Considering that the traditional "partial" sent to agents and editors consists of the first 3 chapters and a synopsis, is it really any wonder that the "sample" on Amazon might be polished, yet the rest of the book is nowhere near ready for primetime? It's no secret that many authors spend the most of their time on the opening.


----------



## xandy3 (Jun 13, 2010)

For the most part, this thread is just splitting hairs.

I don't see anyone here disputing that you should put out the best product possible.
No one here is claiming that their book is perfect the first time around, and they don't need an editor...or that they don't care about editing. Anne Rice, evidently, is not a contributing member of this board. LOL

How you go about getting that done is _your business_. Do whatever works best for you, and what you can afford.


----------



## Anne Victory (Jul 29, 2010)

Courtney Milan said:


> I guess I think it depends on the product defect. Something that kills people? Immoral. Something that can cause injury or problems? Immoral. But let's face it--there are a lot of people who don't care about spelling and grammar. If the story is good, and they enjoy it, are you ripping them off? If they happen to hate your book, even though it's well edited, are you ripping them off? To figure out if you're ripping someone off you need to know all kinds of complex things about value--and Julie's argument applies to books that are up there for free, or for 99 cents, and I think it's hard to say you're ripping someone off if you're posting the book at Smashwords for free for a lengthy period of time.
> 
> And then, we all have purchased things that are shoddy, and I don't necessarily think the manufacturer is immoral. I've bought cheap CD-ROMs where the data copy fails half the time. I'm sure the manufacturer knows they're producing a substandard product. But I don't think this is a moral failing on their part. I just think they're cheap, and I should have expected it for buying the cheapest one in the store.
> 
> ...


LOL @ the OCD. And I agree with you mostly across the board. As for morals - moral arguments work with me, but then you have to convince me that your argument aligns with my own moral compass. That's a hard thing to do when you're talking about lots of different people with sometimes opposing ideas of right and wrong.


----------



## Chris Northern (Jan 20, 2011)

JeanneM said:


> I really wanted to contribute to this thread, but:


I was thinking of adding something but then I saw this and realised that no further comment was needed. The bunny with a pancake on his head just says it all.


----------



## iamstoryteller (Jul 16, 2010)

StaceyHH said:


> Unbelievable. So many authors here arguing against the necessity of a good editor. I'm completely gobsmacked. I wonder how many lurkers on this board have taken note of the people who seem to think that a good editing is of distant secondary importance, and have added those writers to their "not to read ever" list?

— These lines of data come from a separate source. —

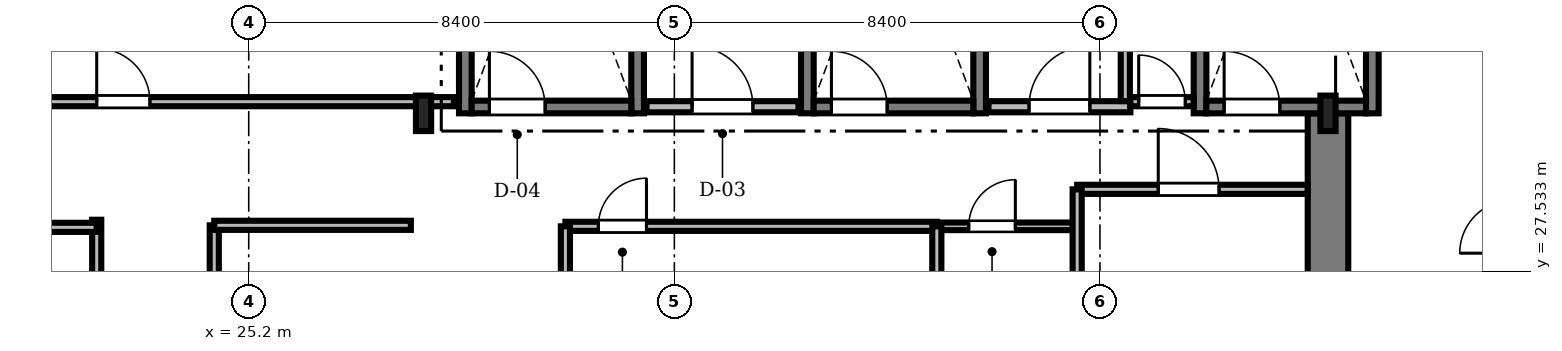
"""IFC4 building model, lengths in metres.
Left out: names, types, materials, properties, quantities, classifications, styles, units other than length and angle.
Written with IfcOpenShell. Run it as: python <this file> out.ifc"""

import sys

from ifc_helpers import new_model, si_unit, direction, frame, frame_2d, origin, origin_2d, place, context, subcontext, project, spatial, rectangle, i_section, extrude, source, transform, mapped, element, fill, save


model = new_model("IFC4")
c1 = context("Model", 3, precision=1e-05, world=origin(), true_north=direction((0.0, 1.0)))
c2 = subcontext(c1, "Body", "Model", "MODEL_VIEW")
j1 = project(units=[si_unit("LENGTHUNIT", "METRE"), si_unit("PLANEANGLEUNIT", "RADIAN")], contexts=[c1])
p1 = place(None, origin())
s1 = spatial("IfcSite", under=j1, at=p1, CompositionType="ELEMENT")
p2 = place(p1, origin())
s2 = spatial("IfcBuilding", under=s1, at=p2, CompositionType="ELEMENT")
p3 = place(p2, frame((0.0, 0.0, 188.55)))
s3 = spatial("IfcBuildingStorey", under=s2, at=p3, CompositionType="ELEMENT", Elevation=188.55)
m1 = source(origin(), c2, "Body", "SweptSolid", [
    extrude(rectangle(XDim=13.15, YDim=0.8, at=frame_2d((6.575, 0.0))), origin(), (0.0, 0.0, 1.0), 3.53),
])
p4 = place(p3, frame((46.5, 17.5, 0.0), z_axis=(0.0, 0.0, 1.0), x_axis=(0.0, 1.0, 0.0)))
e1 = element("IfcWall", 1, at=p4, inside=s3, PredefinedType="SHEAR", context=c2, shape_type="MappedRepresentation", body=[
    mapped(m1, transform((0.0, 0.0, 0.0), scale=1.0)),
])
m2 = source(origin(), c2, "Body", "SweptSolid", [
    extrude(i_section(OverallWidth=0.3, OverallDepth=0.7, WebThickness=0.017, FlangeThickness=0.032, FilletRadius=0.027, at=origin_2d()), origin(), (0.0, 0.0, 1.0), 3.53),
])
for number, where, z_axis, x_axis in (
    (2, (28.65, 30.65, 0.0), (0.0, 0.0, 1.0), (1.0, 0.0, 0.0)),
    (3, (46.5, 30.65, 0.0), (0.0, 0.0, 1.0), (1.0, 0.0, 0.0)),
):
    element("IfcColumn", number, at=place(p3, frame(where, z_axis=z_axis, x_axis=x_axis)), inside=s3, PredefinedType="COLUMN", context=c2, shape_type="MappedRepresentation", body=[
        mapped(m2, transform((0.0, 0.0, 0.0), scale=1.0)),
    ])
m3 = source(origin(), c2, "Body", "SweptSolid", [
    extrude(rectangle(XDim=9.25, YDim=0.25, at=frame_2d((4.625, 0.0))), origin(), (0.0, 0.0, 1.0), 3.55),
])
for number, where, z_axis, x_axis in (
    (4, (29.475, 30.65, 0.0), (0.0, 0.0, 1.0), (0.0, 1.0, 0.0)),
    (5, (32.875, 30.65, 0.0), (0.0, 0.0, 1.0), (0.0, 1.0, 0.0)),
):
    element("IfcWall", number, at=place(p3, frame(where, z_axis=z_axis, x_axis=x_axis)), inside=s3, PredefinedType="SOLIDWALL", context=c2, shape_type="MappedRepresentation", body=[
        mapped(m3, transform((0.0, 0.0, 0.0), scale=1.0)),
    ])
m4 = source(origin(), c2, "Body", "SweptSolid", [
    extrude(rectangle(XDim=3.15, YDim=0.25, at=frame_2d((1.575, 0.0))), origin(), (0.0, 0.0, 1.0), 3.55),
])
p5 = place(p3, frame((29.6, 30.775, 0.0), z_axis=(0.0, 0.0, 1.0), x_axis=(1.0, 0.0, 0.0)))
e6 = element("IfcWall", 6, at=p5, inside=s3, PredefinedType="SOLIDWALL", context=c2, shape_type="MappedRepresentation", body=[
    mapped(m4, transform((0.0, 0.0, 0.0), scale=1.0)),
])
m5 = source(origin(), c2, "Body", "SweptSolid", [
    extrude(rectangle(XDim=1.1, YDim=2.2, at=frame_2d((0.55, 1.1))), frame((0.0, 0.135, 0.0), z_axis=(0.0, -1.0, 0.0), x_axis=(1.0, 0.0, 0.0)), (0.0, 0.0, 1.0), 0.27),
])
p6 = place(p5, frame((0.35, 0.0, 0.0)))
e7 = element("IfcOpeningElement", 7, at=p6, cuts=e6, PredefinedType="OPENING", context=c2, shape_type="MappedRepresentation", body=[
    mapped(m5, transform((0.0, 0.0, 0.0), scale=1.0)),
])
for number, where, z_axis, x_axis in (
    (8, (36.225, 30.65, 0.0), (0.0, 0.0, 1.0), (0.0, 1.0, 0.0)),
    (9, (39.625, 30.65, 0.0), (0.0, 0.0, 1.0), (0.0, 1.0, 0.0)),
):
    element("IfcWall", number, at=place(p3, frame(where, z_axis=z_axis, x_axis=x_axis)), inside=s3, PredefinedType="SOLIDWALL", context=c2, shape_type="MappedRepresentation", body=[
        mapped(m3, transform((0.0, 0.0, 0.0), scale=1.0)),
    ])
p7 = place(p3, frame((36.35, 30.775, 0.0), z_axis=(0.0, 0.0, 1.0), x_axis=(1.0, 0.0, 0.0)))
e10 = element("IfcWall", 10, at=p7, inside=s3, PredefinedType="SOLIDWALL", context=c2, shape_type="MappedRepresentation", body=[
    mapped(m4, transform((0.0, 0.0, 0.0), scale=1.0)),
])
p8 = place(p7, frame((0.35, 0.0, 0.0)))
e11 = element("IfcOpeningElement", 11, at=p8, cuts=e10, PredefinedType="OPENING", context=c2, shape_type="MappedRepresentation", body=[
    mapped(m5, transform((0.0, 0.0, 0.0), scale=1.0)),
])
for number, where, z_axis, x_axis in (
    (12, (43.975, 30.65, 0.0), (0.0, 0.0, 1.0), (0.0, 1.0, 0.0)),
    (13, (47.375, 30.65, 0.0), (0.0, 0.0, 1.0), (0.0, 1.0, 0.0)),
):
    element("IfcWall", number, at=place(p3, frame(where, z_axis=z_axis, x_axis=x_axis)), inside=s3, PredefinedType="SOLIDWALL", context=c2, shape_type="MappedRepresentation", body=[
        mapped(m3, transform((0.0, 0.0, 0.0), scale=1.0)),
    ])
p9 = place(p3, frame((44.1, 30.775, 0.0), z_axis=(0.0, 0.0, 1.0), x_axis=(1.0, 0.0, 0.0)))
e14 = element("IfcWall", 14, at=p9, inside=s3, PredefinedType="SOLIDWALL", context=c2, shape_type="MappedRepresentation", body=[
    mapped(m4, transform((0.0, 0.0, 0.0), scale=1.0)),
])
p10 = place(p9, frame((0.35, 0.0, 0.0)))
e15 = element("IfcOpeningElement", 15, at=p10, cuts=e14, PredefinedType="OPENING", context=c2, shape_type="MappedRepresentation", body=[
    mapped(m5, transform((0.0, 0.0, 0.0), scale=1.0)),
])
m6 = source(origin(), c2, "Body", "SweptSolid", [
    extrude(rectangle(XDim=3.0, YDim=0.22, at=frame_2d((1.5, 0.0))), origin(), (0.0, 0.0, 1.0), 3.53),
])
p11 = place(p3, frame((33.05, 30.78, 0.0), z_axis=(0.0, 0.0, 1.0), x_axis=(1.0, 0.0, 0.0)))
e16 = element("IfcWall", 16, at=p11, inside=s3, PredefinedType="SOLIDWALL", context=c2, shape_type="MappedRepresentation", body=[
    mapped(m6, transform((0.0, 0.0, 0.0), scale=1.0)),
])
m7 = source(origin(), c2, "Body", "SweptSolid", [
    extrude(rectangle(XDim=1.2, YDim=2.2, at=frame_2d((0.6, 1.1))), frame((0.0, 0.12, 0.0), z_axis=(0.0, -1.0, 0.0), x_axis=(1.0, 0.0, 0.0)), (0.0, 0.0, 1.0), 0.24),
])
p12 = place(p11, frame((0.9, 0.0, 0.0)))
e17 = element("IfcOpeningElement", 17, at=p12, cuts=e16, PredefinedType="OPENING", context=c2, shape_type="MappedRepresentation", body=[
    mapped(m7, transform((0.0, 0.0, 0.0), scale=1.0)),
])
m8 = source(origin(), c2, "Body", "SweptSolid", [
    extrude(rectangle(XDim=2.8, YDim=0.22, at=frame_2d((1.4, 0.0))), origin(), (0.0, 0.0, 1.0), 3.53),
])
p13 = place(p3, frame((39.8, 30.78, 0.0), z_axis=(0.0, 0.0, 1.0), x_axis=(1.0, 0.0, 0.0)))
e18 = element("IfcWall", 18, at=p13, inside=s3, PredefinedType="SOLIDWALL", context=c2, shape_type="MappedRepresentation", body=[
    mapped(m8, transform((0.0, 0.0, 0.0), scale=1.0)),
])
p14 = place(p13, frame((0.8, 0.0, 0.0)))
e19 = element("IfcOpeningElement", 19, at=p14, cuts=e18, PredefinedType="OPENING", context=c2, shape_type="MappedRepresentation", body=[
    mapped(m7, transform((0.0, 0.0, 0.0), scale=1.0)),
])
m9 = source(origin(), c2, "Body", "SweptSolid", [
    extrude(rectangle(XDim=17.828, YDim=0.18, at=frame_2d((8.914, 0.0))), origin(), (0.0, 0.0, 1.0), 2.772),
])
p15 = place(p3, frame((11.422, 30.88, 0.0), z_axis=(0.0, 0.0, 1.0), x_axis=(1.0, 0.0, 0.0)))
e20 = element("IfcWall", 20, at=p15, inside=s3, PredefinedType="PARTITIONING", context=c2, shape_type="MappedRepresentation", body=[
    mapped(m9, transform((0.0, 0.0, 0.0), scale=1.0)),
])
m10 = source(origin(), c2, "Body", "SweptSolid", [
    extrude(rectangle(XDim=1.05, YDim=2.2, at=frame_2d((0.525, 1.1))), frame((0.0, 0.1, 0.0), z_axis=(0.0, -1.0, 0.0), x_axis=(1.0, 0.0, 0.0)), (0.0, 0.0, 1.0), 0.2),
])
p16 = place(p15, frame((10.778, 0.0, 0.0)))
e21 = element("IfcOpeningElement", 21, at=p16, cuts=e20, PredefinedType="OPENING", context=c2, shape_type="MappedRepresentation", body=[
    mapped(m10, transform((0.0, 0.0, 0.0), scale=1.0)),
])
m11 = source(origin(), c2, "Body", "SweptSolid", [
    extrude(rectangle(XDim=11.94, YDim=0.18, at=frame_2d((5.97, 0.0))), origin(), (0.0, 0.0, 1.0), 2.972),
])
p17 = place(p3, frame((24.52, 16.5, 0.0), z_axis=(0.0, 0.0, 1.0), x_axis=(0.0, 1.0, 0.0)))
e22 = element("IfcWall", 22, at=p17, inside=s3, PredefinedType="PARTITIONING", context=c2, shape_type="MappedRepresentation", body=[
    mapped(m11, transform((0.0, 0.0, 0.0), scale=1.0)),
])
p18 = place(p17, frame((4.5, 0.0, 0.0)))
e23 = element("IfcOpeningElement", 23, at=p18, cuts=e22, PredefinedType="OPENING", context=c2, shape_type="MappedRepresentation", body=[
    mapped(m10, transform((0.0, 0.0, 0.0), scale=1.0)),
])
m12 = source(origin(), c2, "Body", "SweptSolid", [
    extrude(rectangle(XDim=7.33, YDim=0.18, at=frame_2d((3.665, 0.0))), origin(), (0.0, 0.0, 1.0), 3.162),
])
p19 = place(p3, frame((31.45, 28.42, 0.0), z_axis=(0.0, 0.0, 1.0), x_axis=(1.0, 0.0, 0.0)))
e24 = element("IfcWall", 24, at=p19, inside=s3, PredefinedType="PARTITIONING", context=c2, shape_type="MappedRepresentation", body=[
    mapped(m12, transform((0.0, 0.0, 0.0), scale=1.0)),
])
m13 = source(origin(), c2, "Body", "SweptSolid", [
    extrude(rectangle(XDim=0.95, YDim=2.15, at=frame_2d((0.475, 1.075))), frame((0.0, 0.1, 0.0), z_axis=(0.0, -1.0, 0.0), x_axis=(1.0, 0.0, 0.0)), (0.0, 0.0, 1.0), 0.2),
])
p20 = place(p19, frame((0.65, 0.0, 0.0)))
e25 = element("IfcOpeningElement", 25, at=p20, cuts=e24, PredefinedType="OPENING", context=c2, shape_type="MappedRepresentation", body=[
    mapped(m13, transform((0.0, 0.0, 0.0), scale=1.0)),
])
m14 = source(origin(), c2, "Body", "SweptSolid", [
    extrude(rectangle(XDim=4.548, YDim=0.18, at=frame_2d((2.274, 0.0))), origin(), (0.0, 0.0, 1.0), 3.162),
])
p21 = place(p3, frame((41.55, 29.15, 0.0), z_axis=(0.0, 0.0, 1.0), x_axis=(1.0, 0.0, 0.0)))
e26 = element("IfcWall", 26, at=p21, inside=s3, PredefinedType="PARTITIONING", context=c2, shape_type="MappedRepresentation", body=[
    mapped(m14, transform((0.0, 0.0, 0.0), scale=1.0)),
])
m15 = source(origin(), c2, "Body", "SweptSolid", [
    extrude(rectangle(XDim=1.2, YDim=2.2, at=frame_2d((0.6, 1.1))), frame((0.0, 0.1, 0.0), z_axis=(0.0, -1.0, 0.0), x_axis=(1.0, 0.0, 0.0)), (0.0, 0.0, 1.0), 0.2),
])
p22 = place(p21, frame((1.6, 0.0, 0.0)))
e27 = element("IfcOpeningElement", 27, at=p22, cuts=e26, PredefinedType="OPENING", context=c2, shape_type="MappedRepresentation", body=[
    mapped(m15, transform((0.0, 0.0, 0.0), scale=1.0)),
])
m16 = source(origin(), c2, "Body", "SweptSolid", [
    extrude(rectangle(XDim=2.74, YDim=0.15, at=frame_2d((1.37, 0.0))), origin(), (0.0, 0.0, 1.0), 3.53),
])
p23 = place(p3, frame((38.78, 28.42, 0.0), z_axis=(0.0, 0.0, 1.0), x_axis=(1.0, 0.0, 0.0)))
e28 = element("IfcWall", 28, at=p23, inside=s3, PredefinedType="PARTITIONING", context=c2, shape_type="MappedRepresentation", body=[
    mapped(m16, transform((0.0, 0.0, 0.0), scale=1.0)),
])
m17 = source(origin(), c2, "Body", "SweptSolid", [
    extrude(rectangle(XDim=0.92, YDim=2.1, at=frame_2d((0.46, 1.05))), frame((0.0, 0.085, 0.0), z_axis=(0.0, -1.0, 0.0), x_axis=(1.0, 0.0, 0.0)), (0.0, 0.0, 1.0), 0.17),
])
p24 = place(p23, frame((0.63, 0.0, 0.0)))
e29 = element("IfcOpeningElement", 29, at=p24, cuts=e28, PredefinedType="OPENING", context=c2, shape_type="MappedRepresentation", body=[
    mapped(m17, transform((0.0, 0.0, 0.0), scale=1.0)),
])
m18 = source(origin(), c2, "Body", "SweptSolid", [
    extrude(rectangle(XDim=1.248, YDim=0.18, at=frame_2d((0.624, 0.0))), origin(), (0.0, 0.0, 1.0), 3.53),
])
p25 = place(p3, frame((42.6, 30.88, 0.0), z_axis=(0.0, 0.0, 1.0), x_axis=(1.0, 0.0, 0.0)))
e30 = element("IfcWall", 30, at=p25, inside=s3, PredefinedType="PARTITIONING", context=c2, shape_type="MappedRepresentation", body=[
    mapped(m18, transform((0.0, 0.0, 0.0), scale=1.0)),
])
m19 = source(origin(), c2, "Body", "SweptSolid", [
    extrude(rectangle(XDim=0.92, YDim=2.1, at=frame_2d((0.46, 1.05))), frame((0.0, 0.1, 0.0), z_axis=(0.0, -1.0, 0.0), x_axis=(1.0, 0.0, 0.0)), (0.0, 0.0, 1.0), 0.2),
])
p26 = place(p25, frame((0.164, 0.0, 0.0)))
e31 = element("IfcOpeningElement", 31, at=p26, cuts=e30, PredefinedType="OPENING", context=c2, shape_type="MappedRepresentation", body=[
    mapped(m19, transform((0.0, 0.0, 0.0), scale=1.0)),
])
m20 = source(origin(), c2, "Body", "SweptSolid", [
    extrude(rectangle(XDim=14.98, YDim=0.18, at=frame_2d((7.49, 0.0))), origin(), (0.0, 0.0, 1.0), 2.972),
])
p27 = place(p3, frame((22.2, 13.57, 0.0), z_axis=(0.0, 0.0, 1.0), x_axis=(0.0, 1.0, 0.0)))
e32 = element("IfcWall", 32, at=p27, inside=s3, PredefinedType="PARTITIONING", context=c2, shape_type="MappedRepresentation", body=[
    mapped(m20, transform((0.0, 0.0, 0.0), scale=1.0)),
])
m21 = source(origin(), c2, "Body", "SweptSolid", [
    extrude(rectangle(XDim=10.97, YDim=0.18, at=frame_2d((5.485, 0.0))), origin(), (0.0, 0.0, 1.0), 2.772),
])
p28 = place(p3, frame((11.23, 28.4, 0.0), z_axis=(0.0, 0.0, 1.0), x_axis=(1.0, 0.0, 0.0)))
e33 = element("IfcWall", 33, at=p28, inside=s3, PredefinedType="PARTITIONING", context=c2, shape_type="MappedRepresentation", body=[
    mapped(m21, transform((0.0, 0.0, 0.0), scale=1.0)),
])
m22 = source(origin(), c2, "Body", "SweptSolid", [
    extrude(rectangle(XDim=3.88, YDim=0.18, at=frame_2d((1.94, 0.0))), origin(), (0.0, 0.0, 1.0), 3.53),
])
p29 = place(p3, frame((24.52, 28.44, 0.0), z_axis=(0.0, 0.0, 1.0), x_axis=(1.0, 0.0, 0.0)))
e34 = element("IfcWall", 34, at=p29, inside=s3, PredefinedType="PARTITIONING", context=c2, shape_type="MappedRepresentation", body=[
    mapped(m22, transform((0.0, 0.0, 0.0), scale=1.0)),
])
m23 = source(origin(), c2, "Body", "SweptSolid", [
    extrude(rectangle(XDim=2.758, YDim=0.18, at=frame_2d((1.379, 0.0))), origin(), (0.0, 0.0, 1.0), 3.53),
])
p30 = place(p3, frame((42.5, 30.892, 0.0), z_axis=(0.0, 0.0, 1.0), x_axis=(0.0, 1.0, 0.0)))
e35 = element("IfcWall", 35, at=p30, inside=s3, PredefinedType="PARTITIONING", context=c2, shape_type="MappedRepresentation", body=[
    mapped(m23, transform((0.0, 0.0, 0.0), scale=1.0)),
])
m24 = source(origin(), c2, "Body", "SweptSolid", [
    extrude(rectangle(XDim=2.35, YDim=0.18, at=frame_2d((1.175, 0.0))), origin(), (0.0, 0.0, 1.0), 2.972),
])
p31 = place(p3, frame((41.55, 26.8, 0.0), z_axis=(0.0, 0.0, 1.0), x_axis=(0.0, 1.0, 0.0)))
e36 = element("IfcWall", 36, at=p31, inside=s3, PredefinedType="PARTITIONING", context=c2, shape_type="MappedRepresentation", body=[
    mapped(m24, transform((0.0, 0.0, 0.0), scale=1.0)),
])
m25 = source(origin(), c2, "Body", "SweptSolid", [
    extrude(rectangle(XDim=1.6, YDim=0.18, at=frame_2d((0.8, 0.0))), origin(), (0.0, 0.0, 1.0), 3.072),
])
for number, where, z_axis, x_axis in (
    (37, (31.45, 26.82, 0.0), (0.0, 0.0, 1.0), (0.0, 1.0, 0.0)),
    (38, (38.78, 26.82, 0.0), (0.0, 0.0, 1.0), (0.0, 1.0, 0.0)),
):
    element("IfcWall", number, at=place(p3, frame(where, z_axis=z_axis, x_axis=x_axis)), inside=s3, PredefinedType="PARTITIONING", context=c2, shape_type="MappedRepresentation", body=[
        mapped(m25, transform((0.0, 0.0, 0.0), scale=1.0)),
    ])
m26 = source(origin(), c2, "Body", "SweptSolid", [
    extrude(rectangle(XDim=1.1, YDim=2.2, at=frame_2d((0.55, 1.1))), frame((0.0, 0.025, 0.0), z_axis=(0.0, -1.0, 0.0), x_axis=(1.0, 0.0, 0.0)), (0.0, 0.0, 1.0), 0.05),
])
p32 = place(p6, origin())
e39 = element("IfcDoor", 39, at=p32, inside=s3, OperationType="SINGLE_SWING_LEFT", PredefinedType="DOOR", context=c2, shape_type="MappedRepresentation", body=[
    mapped(m26, transform((0.0, 0.0, 0.0), scale=1.0)),
])
fill(e7, e39)
p33 = place(p8, origin())
e40 = element("IfcDoor", 40, at=p33, inside=s3, OperationType="SINGLE_SWING_LEFT", PredefinedType="DOOR", context=c2, shape_type="MappedRepresentation", body=[
    mapped(m26, transform((0.0, 0.0, 0.0), scale=1.0)),
])
fill(e11, e40)
p34 = place(p10, origin())
e41 = element("IfcDoor", 41, at=p34, inside=s3, OperationType="SINGLE_SWING_LEFT", PredefinedType="DOOR", context=c2, shape_type="MappedRepresentation", body=[
    mapped(m26, transform((0.0, 0.0, 0.0), scale=1.0)),
])
fill(e15, e41)
m27 = source(origin(), c2, "Body", "SweptSolid", [
    extrude(rectangle(XDim=1.2, YDim=2.2, at=frame_2d((0.6, 1.1))), frame((0.0, 0.025, 0.0), z_axis=(0.0, -1.0, 0.0), x_axis=(1.0, 0.0, 0.0)), (0.0, 0.0, 1.0), 0.05),
])
p35 = place(p12, origin())
e42 = element("IfcDoor", 42, at=p35, inside=s3, OperationType="SINGLE_SWING_LEFT", PredefinedType="DOOR", context=c2, shape_type="MappedRepresentation", body=[
    mapped(m27, transform((0.0, 0.0, 0.0), scale=1.0)),
])
fill(e17, e42)
p36 = place(p14, origin())
e43 = element("IfcDoor", 43, at=p36, inside=s3, OperationType="SINGLE_SWING_RIGHT", PredefinedType="DOOR", context=c2, shape_type="MappedRepresentation", body=[
    mapped(m27, transform((0.0, 0.0, 0.0), scale=1.0)),
])
fill(e19, e43)
m28 = source(origin(), c2, "Body", "SweptSolid", [
    extrude(rectangle(XDim=1.05, YDim=2.2, at=frame_2d((0.525, 1.1))), frame((0.0, 0.025, 0.0), z_axis=(0.0, -1.0, 0.0), x_axis=(1.0, 0.0, 0.0)), (0.0, 0.0, 1.0), 0.05),
])
p37 = place(p16, origin())
e44 = element("IfcDoor", 44, at=p37, inside=s3, OperationType="SINGLE_SWING_LEFT", PredefinedType="DOOR", context=c2, shape_type="MappedRepresentation", body=[
    mapped(m28, transform((0.0, 0.0, 0.0), scale=1.0)),
])
fill(e21, e44)
m29 = source(origin(), c2, "Body", "SweptSolid", [
    extrude(rectangle(XDim=0.95, YDim=2.15, at=frame_2d((0.475, 1.075))), frame((0.0, 0.025, 0.0), z_axis=(0.0, -1.0, 0.0), x_axis=(1.0, 0.0, 0.0)), (0.0, 0.0, 1.0), 0.05),
])
p38 = place(p20, origin())
e45 = element("IfcDoor", 45, at=p38, inside=s3, OperationType="SINGLE_SWING_RIGHT", PredefinedType="DOOR", context=c2, shape_type="MappedRepresentation", body=[
    mapped(m29, transform((0.0, 0.0, 0.0), scale=1.0)),
])
fill(e25, e45)
p39 = place(p22, origin())
e46 = element("IfcDoor", 46, at=p39, inside=s3, OperationType="SINGLE_SWING_LEFT", PredefinedType="DOOR", context=c2, shape_type="MappedRepresentation", body=[
    mapped(m27, transform((0.0, 0.0, 0.0), scale=1.0)),
])
fill(e27, e46)
m30 = source(origin(), c2, "Body", "SweptSolid", [
    extrude(rectangle(XDim=0.92, YDim=2.1, at=frame_2d((0.46, 1.05))), frame((0.0, 0.025, 0.0), z_axis=(0.0, -1.0, 0.0), x_axis=(1.0, 0.0, 0.0)), (0.0, 0.0, 1.0), 0.05),
])
p40 = place(p24, origin())
e47 = element("IfcDoor", 47, at=p40, inside=s3, OperationType="SINGLE_SWING_RIGHT", PredefinedType="DOOR", context=c2, shape_type="MappedRepresentation", body=[
    mapped(m30, transform((0.0, 0.0, 0.0), scale=1.0)),
])
fill(e29, e47)
p41 = place(p26, origin())
e48 = element("IfcDoor", 48, at=p41, inside=s3, OperationType="SINGLE_SWING_LEFT", PredefinedType="DOOR", context=c2, shape_type="MappedRepresentation", body=[
    mapped(m30, transform((0.0, 0.0, 0.0), scale=1.0)),
])
fill(e31, e48)
save(model, sys.argv[1])

Many indie authors are arguing against the necessity of a quality book because a) they really cannot afford to hire an editor/cover designer/formatter. And b) they were under the impression writing books was easy money.

I'm guessing that a good majority of the folks who indie publish cannot afford to hire professionals. Lots of businesses are started on a shoestring. I've been in business my entire adult life and I've started one or two that way. I've also been on the other end. The only business I've ever considered a failure was fully capitalized. For the others I had to get creative to succeed, for the failure I believe I felt the entitlement others have spoken of. To succeed one must put in the work. There are many great suggestions here to find others who can help you. But you must put in the time and effort, not just with the writing but with all the other grunge work afterwards. It's not likely to come easy, but it can be done...


----------



## Daniel Arenson (Apr 11, 2010)

JeanneM said:


> I really wanted to contribute to this thread, but:


He has a friend!


----------



## StefanBourque (May 23, 2011)

Dammit!  Now I want pancakes.


----------



## Will Write for Gruel (Oct 16, 2010)

xandy3 said:


> For the most part, this thread is just splitting hairs.
> 
> I don't see anyone here disputing that you should put out the best product possible.
> No one here is claiming that their book is perfect the first time around, and they don't need an editor...or that they don't care about editing. Anne Rice, evidently, is not a contributing member of this board. LOL
> ...


Right. Do what gives you the most satisfaction in your finished product.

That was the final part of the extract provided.